Site with Frames, Login, Servlets and JavaScript

mubbers,

screen-scraper uses its own SSL certificate, the expiration date of which has been updated for releases later than 3.0. However, it has not been our experience that the error message caused by the certificate being out of date would cause the connection to fail all together.

Could you provide the URL where this is happening? If you prefer, you can either private message it to me or send me an email using my name with last name initial w @ our domain.

Thank you,
Scott

Site with Frames, Login, Servlets and JavaScript

Thanks for that I will look into it.

One thing I have noticed is that the site has an out-of-date certificate, which when using FireFox fails completely when trying to log in. Does screen scraper perform a similar check and perhaps fail without seeing it as an error?
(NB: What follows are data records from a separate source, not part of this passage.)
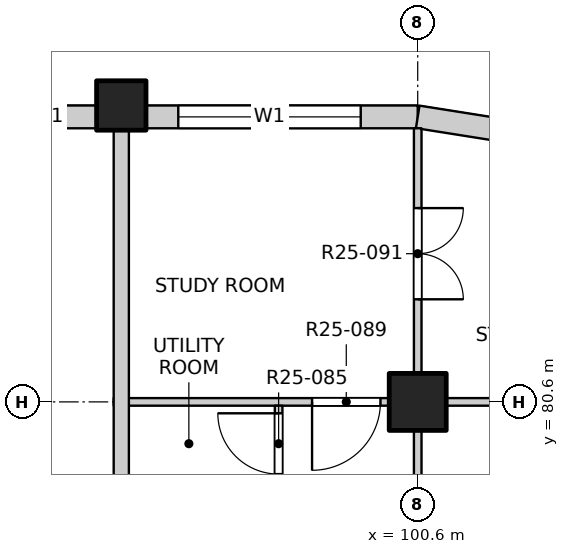
"""IFC4 building model, lengths in metres.
Left out: names, types, materials, properties, quantities, classifications, styles, units other than length and angle.
Written with IfcOpenShell. Run it as: python <this file> out.ifc"""

import sys

from ifc_helpers import new_model, si_unit, direction, frame, frame_2d, origin, origin_2d, place, context, subcontext, project, spatial, rectangle, extrude, element, fill, save


model = new_model("IFC4")
c1 = context("Model", 3, precision=1e-05, world=origin(), true_north=direction((0.0, 1.0)))
c2 = subcontext(c1, "Body", "Model", "MODEL_VIEW")
j1 = project(units=[si_unit("LENGTHUNIT", "METRE"), si_unit("PLANEANGLEUNIT", "RADIAN")], contexts=[c1])
p1 = place(None, origin())
s1 = spatial("IfcSite", under=j1, at=p1, CompositionType="ELEMENT")
p2 = place(p1, origin())
s2 = spatial("IfcBuilding", under=s1, at=p2, CompositionType="ELEMENT")
p3 = place(p2, frame((0.0, 0.0, 252.8)))
s3 = spatial("IfcBuildingStorey", under=s2, at=p3, CompositionType="ELEMENT", Elevation=252.8)
p4 = place(p3, frame((96.7, 84.5, -0.25), z_axis=(0.0, 0.0, 1.0), x_axis=(1.0, 0.0, 0.0)))
e1 = element("IfcColumn", 1, at=p4, inside=s3, PredefinedType="COLUMN", context=c2, shape_type="SweptSolid", body=[
    extrude(rectangle(XDim=0.65, YDim=0.65, at=origin_2d()), origin(), (0.0, 0.0, 1.0), 3.4),
])
p5 = place(p3, frame((100.6, 80.6, -0.25), z_axis=(0.0, 0.0, 1.0), x_axis=(1.0, 0.0, 0.0)))
e2 = element("IfcColumn", 2, at=p5, inside=s3, PredefinedType="COLUMN", context=c2, shape_type="SweptSolid", body=[
    extrude(rectangle(XDim=0.75, YDim=0.75, at=origin_2d()), origin(), (0.0, 0.0, 1.0), 3.4),
])
p6 = place(p3, frame((94.95, 84.35, 0.0), z_axis=(0.0, 0.0, 1.0), x_axis=(1.0, 0.0, 0.0)))
e3 = element("IfcWall", 3, at=p6, inside=s3, PredefinedType="SOLIDWALL", context=c2, shape_type="SweptSolid", body=[
    extrude(rectangle(XDim=1.425, YDim=0.3, at=frame_2d((0.712, 0.0))), origin(), (0.0, 0.0, 1.0), 2.7),
])
p7 = place(p3, frame((97.025, 84.35, 0.0), z_axis=(0.0, 0.0, 1.0), x_axis=(1.0, 0.0, 0.0)))
e4 = element("IfcWall", 4, at=p7, inside=s3, PredefinedType="SOLIDWALL", context=c2, shape_type="SweptSolid", body=[
    extrude(rectangle(XDim=3.575, YDim=0.3, at=frame_2d((1.788, 0.0))), origin(), (0.0, 0.0, 1.0), 2.7),
])
p8 = place(p7, frame((0.425, 0.0, 0.9)))
e5 = element("IfcOpeningElement", 5, at=p8, cuts=e4, PredefinedType="OPENING", context=c2, shape_type="SweptSolid", body=[
    extrude(rectangle(XDim=2.4, YDim=1.8, at=frame_2d((1.2, 0.9))), frame((0.0, 0.16, 0.0), z_axis=(0.0, -1.0, 0.0), x_axis=(1.0, 0.0, 0.0)), (0.0, 0.0, 1.0), 0.32),
])
p9 = place(p3, frame((101.759, 84.167, 0.0), z_axis=(0.0, 0.0, 1.0), x_axis=(-0.987678452879, 0.156496880861, 0.0)))
e6 = element("IfcWall", 6, at=p9, inside=s3, PredefinedType="SOLIDWALL", context=c2, shape_type="SweptSolid", body=[
    extrude(rectangle(XDim=1.173, YDim=0.3, at=frame_2d((0.586, 0.0))), origin(), (0.0, 0.0, 1.0), 2.7),
])
p10 = place(p3, frame((96.6, 80.6, 0.0), z_axis=(0.0, 0.0, 1.0), x_axis=(1.0, 0.0, 0.0)))
e7 = element("IfcWall", 7, at=p10, inside=s3, PredefinedType="PARTITIONING", context=c2, shape_type="SweptSolid", body=[
    extrude(rectangle(XDim=7.6, YDim=0.1, at=frame_2d((3.8, 0.0))), origin(), (0.0, 0.0, 1.0), 3.15),
])
p11 = place(p10, frame((2.61, 0.0, 0.0)))
e8 = element("IfcOpeningElement", 8, at=p11, cuts=e7, PredefinedType="OPENING", context=c2, shape_type="SweptSolid", body=[
    extrude(rectangle(XDim=0.9, YDim=2.1, at=frame_2d((0.45, 1.05))), frame((0.0, 0.06, 0.0), z_axis=(0.0, -1.0, 0.0), x_axis=(1.0, 0.0, 0.0)), (0.0, 0.0, 1.0), 0.12),
])
p12 = place(p3, frame((96.7, 49.5, 0.0), z_axis=(0.0, 0.0, 1.0), x_axis=(0.0, 1.0, 0.0)))
e9 = element("IfcWall", 9, at=p12, inside=s3, PredefinedType="PARTITIONING", context=c2, shape_type="SweptSolid", body=[
    extrude(rectangle(XDim=34.7, YDim=0.2, at=frame_2d((17.35, 0.0))), origin(), (0.0, 0.0, 1.0), 3.15),
])
p13 = place(p12, frame((6.575, 0.0, 0.0)))
e10 = element("IfcOpeningElement", 10, at=p13, cuts=e9, PredefinedType="OPENING", context=c2, shape_type="SweptSolid", body=[
    extrude(rectangle(XDim=1.0, YDim=2.1, at=frame_2d((0.5, 1.05))), frame((0.0, 0.11, 0.0), z_axis=(0.0, -1.0, 0.0), x_axis=(1.0, 0.0, 0.0)), (0.0, 0.0, 1.0), 0.22),
])
p14 = place(p12, frame((13.975, 0.0, 0.0)))
e11 = element("IfcOpeningElement", 11, at=p14, cuts=e9, PredefinedType="OPENING", context=c2, shape_type="SweptSolid", body=[
    extrude(rectangle(XDim=1.0, YDim=2.1, at=frame_2d((0.5, 1.05))), frame((0.0, 0.11, 0.0), z_axis=(0.0, -1.0, 0.0), x_axis=(1.0, 0.0, 0.0)), (0.0, 0.0, 1.0), 0.22),
])
p15 = place(p12, frame((26.525, 0.0, 0.0)))
e12 = element("IfcOpeningElement", 12, at=p15, cuts=e9, PredefinedType="OPENING", context=c2, shape_type="SweptSolid", body=[
    extrude(rectangle(XDim=1.0, YDim=2.1, at=frame_2d((0.5, 1.05))), frame((0.0, 0.11, 0.0), z_axis=(0.0, -1.0, 0.0), x_axis=(1.0, 0.0, 0.0)), (0.0, 0.0, 1.0), 0.22),
])
p16 = place(p3, frame((98.77, 78.35, 0.0), z_axis=(0.0, 0.0, 1.0), x_axis=(0.0, 1.0, 0.0)))
e13 = element("IfcWall", 13, at=p16, inside=s3, PredefinedType="PARTITIONING", context=c2, shape_type="SweptSolid", body=[
    extrude(rectangle(XDim=2.2, YDim=0.1, at=frame_2d((1.1, 0.0))), origin(), (0.0, 0.0, 1.0), 3.15),
])
p17 = place(p16, frame((0.1, 0.0, 0.0)))
e14 = element("IfcOpeningElement", 14, at=p17, cuts=e13, PredefinedType="OPENING", context=c2, shape_type="SweptSolid", body=[
    extrude(rectangle(XDim=0.9, YDim=2.1, at=frame_2d((0.45, 1.05))), frame((0.0, 0.06, 0.0), z_axis=(0.0, -1.0, 0.0), x_axis=(1.0, 0.0, 0.0)), (0.0, 0.0, 1.0), 0.12),
])
p18 = place(p16, frame((1.3, 0.0, 0.0)))
e15 = element("IfcOpeningElement", 15, at=p18, cuts=e13, PredefinedType="OPENING", context=c2, shape_type="SweptSolid", body=[
    extrude(rectangle(XDim=0.8, YDim=2.1, at=frame_2d((0.4, 1.05))), frame((0.0, 0.06, 0.0), z_axis=(0.0, -1.0, 0.0), x_axis=(1.0, 0.0, 0.0)), (0.0, 0.0, 1.0), 0.12),
])
p19 = place(p3, frame((100.6, 45.8, 0.0), z_axis=(0.0, 0.0, 1.0), x_axis=(0.0, 1.0, 0.0)))
e16 = element("IfcWall", 16, at=p19, inside=s3, PredefinedType="PARTITIONING", context=c2, shape_type="SweptSolid", body=[
    extrude(rectangle(XDim=38.4, YDim=0.1, at=frame_2d((19.2, 0.0))), origin(), (0.0, 0.0, 1.0), 3.15),
])
p20 = place(p19, frame((1.05, 0.0, 0.0)))
e17 = element("IfcOpeningElement", 17, at=p20, cuts=e16, PredefinedType="OPENING", context=c2, shape_type="SweptSolid", body=[
    extrude(rectangle(XDim=1.2, YDim=2.1, at=frame_2d((0.6, 1.05))), frame((0.0, 0.06, 0.0), z_axis=(0.0, -1.0, 0.0), x_axis=(1.0, 0.0, 0.0)), (0.0, 0.0, 1.0), 0.12),
])
p21 = place(p19, frame((5.1, 0.0, 0.0)))
e18 = element("IfcOpeningElement", 18, at=p21, cuts=e16, PredefinedType="OPENING", context=c2, shape_type="SweptSolid", body=[
    extrude(rectangle(XDim=0.9, YDim=2.1, at=frame_2d((0.45, 1.05))), frame((0.0, 0.06, 0.0), z_axis=(0.0, -1.0, 0.0), x_axis=(1.0, 0.0, 0.0)), (0.0, 0.0, 1.0), 0.12),
])
p22 = place(p19, frame((9.0, 0.0, 0.0)))
e19 = element("IfcOpeningElement", 19, at=p22, cuts=e16, PredefinedType="OPENING", context=c2, shape_type="SweptSolid", body=[
    extrude(rectangle(XDim=0.9, YDim=2.1, at=frame_2d((0.45, 1.05))), frame((0.0, 0.06, 0.0), z_axis=(0.0, -1.0, 0.0), x_axis=(1.0, 0.0, 0.0)), (0.0, 0.0, 1.0), 0.12),
])
p23 = place(p19, frame((12.9, 0.0, 0.0)))
e20 = element("IfcOpeningElement", 20, at=p23, cuts=e16, PredefinedType="OPENING", context=c2, shape_type="SweptSolid", body=[
    extrude(rectangle(XDim=0.9, YDim=2.1, at=frame_2d((0.45, 1.05))), frame((0.0, 0.06, 0.0), z_axis=(0.0, -1.0, 0.0), x_axis=(1.0, 0.0, 0.0)), (0.0, 0.0, 1.0), 0.12),
])
p24 = place(p19, frame((16.8, 0.0, 0.0)))
e21 = element("IfcOpeningElement", 21, at=p24, cuts=e16, PredefinedType="OPENING", context=c2, shape_type="SweptSolid", body=[
    extrude(rectangle(XDim=0.9, YDim=2.1, at=frame_2d((0.45, 1.05))), frame((0.0, 0.06, 0.0), z_axis=(0.0, -1.0, 0.0), x_axis=(1.0, 0.0, 0.0)), (0.0, 0.0, 1.0), 0.12),
])
p25 = place(p19, frame((20.7, 0.0, 0.0)))
e22 = element("IfcOpeningElement", 22, at=p25, cuts=e16, PredefinedType="OPENING", context=c2, shape_type="SweptSolid", body=[
    extrude(rectangle(XDim=0.9, YDim=2.1, at=frame_2d((0.45, 1.05))), frame((0.0, 0.06, 0.0), z_axis=(0.0, -1.0, 0.0), x_axis=(1.0, 0.0, 0.0)), (0.0, 0.0, 1.0), 0.12),
])
p26 = place(p19, frame((24.6, 0.0, 0.0)))
e23 = element("IfcOpeningElement", 23, at=p26, cuts=e16, PredefinedType="OPENING", context=c2, shape_type="SweptSolid", body=[
    extrude(rectangle(XDim=0.9, YDim=2.1, at=frame_2d((0.45, 1.05))), frame((0.0, 0.06, 0.0), z_axis=(0.0, -1.0, 0.0), x_axis=(1.0, 0.0, 0.0)), (0.0, 0.0, 1.0), 0.12),
])
p27 = place(p19, frame((28.5, 0.0, 0.0)))
e24 = element("IfcOpeningElement", 24, at=p27, cuts=e16, PredefinedType="OPENING", context=c2, shape_type="SweptSolid", body=[
    extrude(rectangle(XDim=0.9, YDim=2.1, at=frame_2d((0.45, 1.05))), frame((0.0, 0.06, 0.0), z_axis=(0.0, -1.0, 0.0), x_axis=(1.0, 0.0, 0.0)), (0.0, 0.0, 1.0), 0.12),
])
p28 = place(p19, frame((32.4, 0.0, 0.0)))
e25 = element("IfcOpeningElement", 25, at=p28, cuts=e16, PredefinedType="OPENING", context=c2, shape_type="SweptSolid", body=[
    extrude(rectangle(XDim=0.9, YDim=2.1, at=frame_2d((0.45, 1.05))), frame((0.0, 0.06, 0.0), z_axis=(0.0, -1.0, 0.0), x_axis=(1.0, 0.0, 0.0)), (0.0, 0.0, 1.0), 0.12),
])
p29 = place(p19, frame((36.15, 0.0, 0.0)))
e26 = element("IfcOpeningElement", 26, at=p29, cuts=e16, PredefinedType="OPENING", context=c2, shape_type="SweptSolid", body=[
    extrude(rectangle(XDim=1.2, YDim=2.1, at=frame_2d((0.6, 1.05))), frame((0.0, 0.06, 0.0), z_axis=(0.0, -1.0, 0.0), x_axis=(1.0, 0.0, 0.0)), (0.0, 0.0, 1.0), 0.12),
])
p30 = place(p8, origin())
e27 = element("IfcWindow", 27, at=p30, inside=s3, PartitioningType="DOUBLE_PANEL_VERTICAL", PredefinedType="WINDOW", context=c2, shape_type="SweptSolid", body=[
    extrude(rectangle(XDim=2.4, YDim=1.8, at=frame_2d((1.2, 0.9))), frame((0.0, 0.03, 0.0), z_axis=(0.0, -1.0, 0.0), x_axis=(1.0, 0.0, 0.0)), (0.0, 0.0, 1.0), 0.06),
])
fill(e5, e27)
p31 = place(p18, origin())
e28 = element("IfcDoor", 28, at=p31, inside=s3, OperationType="SINGLE_SWING_RIGHT", PredefinedType="DOOR", context=c2, shape_type="SweptSolid", body=[
    extrude(rectangle(XDim=0.8, YDim=2.1, at=frame_2d((0.4, 1.05))), frame((0.0, 0.025, 0.0), z_axis=(0.0, -1.0, 0.0), x_axis=(1.0, 0.0, 0.0)), (0.0, 0.0, 1.0), 0.05),
])
fill(e15, e28)
p32 = place(p11, origin())
e29 = element("IfcDoor", 29, at=p32, inside=s3, OperationType="SINGLE_SWING_RIGHT", PredefinedType="DOOR", context=c2, shape_type="SweptSolid", body=[
    extrude(rectangle(XDim=0.9, YDim=2.1, at=frame_2d((0.45, 1.05))), frame((0.0, 0.025, 0.0), z_axis=(0.0, -1.0, 0.0), x_axis=(1.0, 0.0, 0.0)), (0.0, 0.0, 1.0), 0.05),
])
fill(e8, e29)
p33 = place(p29, origin())
e30 = element("IfcDoor", 30, at=p33, inside=s3, OperationType="DOUBLE_DOOR_SINGLE_SWING", PredefinedType="DOOR", context=c2, shape_type="SweptSolid", body=[
    extrude(rectangle(XDim=1.2, YDim=2.1, at=frame_2d((0.6, 1.05))), frame((0.0, 0.025, 0.0), z_axis=(0.0, -1.0, 0.0), x_axis=(1.0, 0.0, 0.0)), (0.0, 0.0, 1.0), 0.05),
])
fill(e26, e30)
save(model, sys.argv[1])
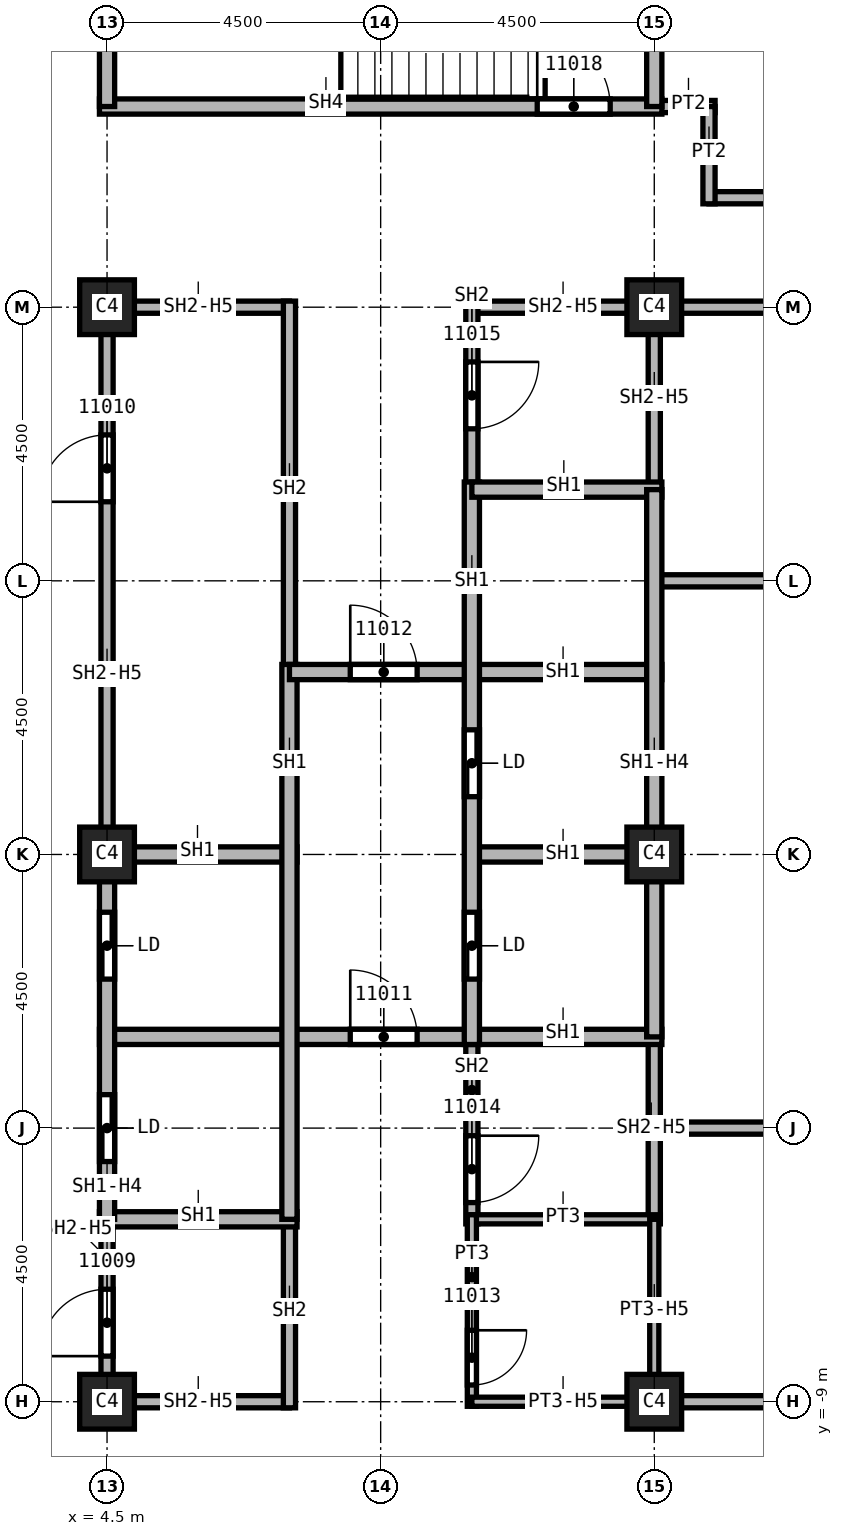
"""IFC4 building model, lengths in metres.
Left out: names, types, materials, properties, quantities, classifications, styles, units other than length and angle.
Written with IfcOpenShell. Run it as: python <this file> out.ifc"""

import sys

from ifc_helpers import new_model, si_unit, direction, frame, frame_2d, origin, origin_2d, place, context, subcontext, project, spatial, rectangle, extrude, element, fill, save


model = new_model("IFC4")
c1 = context("Model", 3, precision=1e-05, world=origin(), true_north=direction((0.0, 1.0)))
c2 = subcontext(c1, "Body", "Model", "MODEL_VIEW")
j1 = project(units=[si_unit("LENGTHUNIT", "METRE"), si_unit("PLANEANGLEUNIT", "RADIAN")], contexts=[c1])
p1 = place(None, origin())
s1 = spatial("IfcSite", under=j1, at=p1, CompositionType="ELEMENT")
p2 = place(p1, origin())
s2 = spatial("IfcBuilding", under=s1, at=p2, CompositionType="ELEMENT")
p3 = place(p2, frame((0.0, 0.0, 188.0)))
s3 = spatial("IfcBuildingStorey", under=s2, at=p3, CompositionType="ELEMENT", Elevation=188.0)
for number, where, z_axis, x_axis in (
    (1, (4.5, 0.0, 0.0), (0.0, 0.0, 1.0), (1.0, 0.0, 0.0)),
    (2, (4.5, 9.0, 0.0), (0.0, 0.0, 1.0), (1.0, 0.0, 0.0)),
    (3, (4.5, -9.0, 0.0), (0.0, 0.0, 1.0), (1.0, 0.0, 0.0)),
    (4, (13.5, 0.0, 0.0), (0.0, 0.0, 1.0), (1.0, 0.0, 0.0)),
    (5, (13.5, 9.0, 0.0), (0.0, 0.0, 1.0), (1.0, 0.0, 0.0)),
    (6, (13.5, -9.0, 0.0), (0.0, 0.0, 1.0), (1.0, 0.0, 0.0)),
):
    element("IfcColumn", number, at=place(p3, frame(where, z_axis=z_axis, x_axis=x_axis)), inside=s3, PredefinedType="COLUMN", context=c2, shape_type="SweptSolid", body=[
        extrude(rectangle(XDim=0.9, YDim=0.9, at=origin_2d()), origin(), (0.0, 0.0, 1.0), 3.72),
    ])
p4 = place(p3, frame((13.375, 12.3, 0.0), z_axis=(0.0, 0.0, 1.0), x_axis=(1.0, 0.0, 0.0)))
e7 = element("IfcWall", 7, at=p4, inside=s3, PredefinedType="PARTITIONING", context=c2, shape_type="SweptSolid", body=[
    extrude(rectangle(XDim=1.125, YDim=0.2, at=frame_2d((0.562, 0.0))), origin(), (0.0, 0.0, 1.0), 3.72),
])
for number, where, z_axis, x_axis in (
    (8, (13.5, -9.0, 0.0), (0.0, 0.0, 1.0), (1.0, 0.0, 0.0)),
    (9, (13.5, -4.5, 0.0), (0.0, 0.0, 1.0), (1.0, 0.0, 0.0)),
    (10, (13.5, 4.5, 0.0), (0.0, 0.0, 1.0), (1.0, 0.0, 0.0)),
    (11, (18.0, 9.0, 0.0), (0.0, 0.0, 1.0), (-1.0, 0.0, 0.0)),
):
    element("IfcWall", number, at=place(p3, frame(where, z_axis=z_axis, x_axis=x_axis)), inside=s3, PredefinedType="PARTITIONING", context=c2, shape_type="SweptSolid", body=[
        extrude(rectangle(XDim=4.5, YDim=0.2, at=frame_2d((2.25, 0.0))), origin(), (0.0, 0.0, 1.0), 3.72),
    ])
p5 = place(p3, frame((14.4, 10.8, 0.0), z_axis=(0.0, 0.0, 1.0), x_axis=(1.0, 0.0, 0.0)))
e12 = element("IfcWall", 12, at=p5, inside=s3, PredefinedType="PARTITIONING", context=c2, shape_type="SweptSolid", body=[
    extrude(rectangle(XDim=3.6, YDim=0.2, at=frame_2d((1.8, 0.0))), origin(), (0.0, 0.0, 1.0), 3.72),
])
p6 = place(p3, frame((14.4, 12.3, 0.0), z_axis=(0.0, 0.0, 1.0), x_axis=(0.0, -1.0, 0.0)))
e13 = element("IfcWall", 13, at=p6, inside=s3, PredefinedType="PARTITIONING", context=c2, shape_type="SweptSolid", body=[
    extrude(rectangle(XDim=1.6, YDim=0.2, at=frame_2d((0.8, 0.0))), origin(), (0.0, 0.0, 1.0), 3.72),
])
p7 = place(p3, frame((4.5, -9.1, 0.0), z_axis=(0.0, 0.0, 1.0), x_axis=(0.0, 1.0, 0.0)))
e14 = element("IfcWall", 14, at=p7, inside=s3, PredefinedType="SOLIDWALL", context=c2, shape_type="SweptSolid", body=[
    extrude(rectangle(XDim=3.1, YDim=0.2, at=frame_2d((1.55, 0.0))), origin(), (0.0, 0.0, 1.0), 2.958),
])
p8 = place(p7, frame((0.85, 0.0, 0.0)))
e15 = element("IfcOpeningElement", 15, at=p8, cuts=e14, PredefinedType="OPENING", context=c2, shape_type="SweptSolid", body=[
    extrude(rectangle(XDim=1.1, YDim=2.1, at=frame_2d((0.55, 1.05))), frame((0.0, 0.1, 0.0), z_axis=(0.0, -1.0, 0.0), x_axis=(1.0, 0.0, 0.0)), (0.0, 0.0, 1.0), 0.2),
])
p9 = place(p3, frame((4.5, 0.0, 0.0), z_axis=(0.0, 0.0, 1.0), x_axis=(0.0, 1.0, 0.0)))
e16 = element("IfcWall", 16, at=p9, inside=s3, PredefinedType="SOLIDWALL", context=c2, shape_type="SweptSolid", body=[
    extrude(rectangle(XDim=9.1, YDim=0.2, at=frame_2d((4.55, 0.0))), origin(), (0.0, 0.0, 1.0), 2.958),
])
p10 = place(p9, frame((5.8, 0.0, 0.0)))
e17 = element("IfcOpeningElement", 17, at=p10, cuts=e16, PredefinedType="OPENING", context=c2, shape_type="SweptSolid", body=[
    extrude(rectangle(XDim=1.1, YDim=2.1, at=frame_2d((0.55, 1.05))), frame((0.0, 0.1, 0.0), z_axis=(0.0, -1.0, 0.0), x_axis=(1.0, 0.0, 0.0)), (0.0, 0.0, 1.0), 0.2),
])
for number, where, z_axis, x_axis in (
    (18, (4.5, 9.0, 0.0), (0.0, 0.0, 1.0), (1.0, 0.0, 0.0)),
    (19, (7.5, -9.0, 0.0), (0.0, 0.0, 1.0), (-1.0, 0.0, 0.0)),
):
    element("IfcWall", number, at=place(p3, frame(where, z_axis=z_axis, x_axis=x_axis)), inside=s3, PredefinedType="SOLIDWALL", context=c2, shape_type="SweptSolid", body=[
        extrude(rectangle(XDim=3.0, YDim=0.2, at=frame_2d((1.5, 0.0))), origin(), (0.0, 0.0, 1.0), 2.958),
    ])
p11 = place(p3, frame((7.5, -6.0, 0.0), z_axis=(0.0, 0.0, 1.0), x_axis=(0.0, -1.0, 0.0)))
e20 = element("IfcWall", 20, at=p11, inside=s3, PredefinedType="SOLIDWALL", context=c2, shape_type="SweptSolid", body=[
    extrude(rectangle(XDim=3.1, YDim=0.2, at=frame_2d((1.55, 0.0))), origin(), (0.0, 0.0, 1.0), 3.72),
])
p12 = place(p3, frame((7.5, 9.1, 0.0), z_axis=(0.0, 0.0, 1.0), x_axis=(0.0, -1.0, 0.0)))
e21 = element("IfcWall", 21, at=p12, inside=s3, PredefinedType="SOLIDWALL", context=c2, shape_type="SweptSolid", body=[
    extrude(rectangle(XDim=6.225, YDim=0.2, at=frame_2d((3.113, 0.0))), origin(), (0.0, 0.0, 1.0), 3.72),
])
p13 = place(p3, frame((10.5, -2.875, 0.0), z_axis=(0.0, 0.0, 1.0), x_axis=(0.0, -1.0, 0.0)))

Site with Frames, Login, Servlets and JavaScript

mubbers,

HTTPS is sometimes an issue when proxying the site but should have no bearing on the session itself. If it makes proxying impossible I'd recommend the following Firefox add-ons [url=https://addons.mozilla.org/en-US/firefox/addon/125]SwitchProxy[/url] and/or [url=https://addons.mozilla.org/en-US/firefox/addon/3829]Live HTTP Headers[/url]. [url=http://www.opera.com/]Opera[/url] is always worth having on hand, as well.

-Scott

Site with Frames, Login, Servlets and JavaScript

mubbers,

A couple different things could be going on here. If you're certain you're passing the login parameters to the correct file then you may also need to first include, in sequence, the page the occurs before you post your login parameters. This is usually the page where the blank username & password fields are.

The reason could be two-fold. One, that page sets a cookie (often a session cookie) that the login page needs. Two, the login page sometimes needs that previous page as the referrer.

Be sure to include any other post parameters along with your username and password. Generate your scrapeable files from transactions in the proxy server.

If it doesn't add to the confusion you can see even more of what is going on by using an add-on to Firefox called Live HTTP Headers.

https://addons.mozilla.org/en-US/firefox/addon/3829

Try not to get distracted with all the frames going on. screen-scraper should handle any talking back and forth going on without needed intervention.

Please let us know what other issues you may be having.

Thanks,
Scott

Site with Frames, Login, Servlets and JavaScript

One other thing I forgot to mention, the site uses HTTPS.

Thanks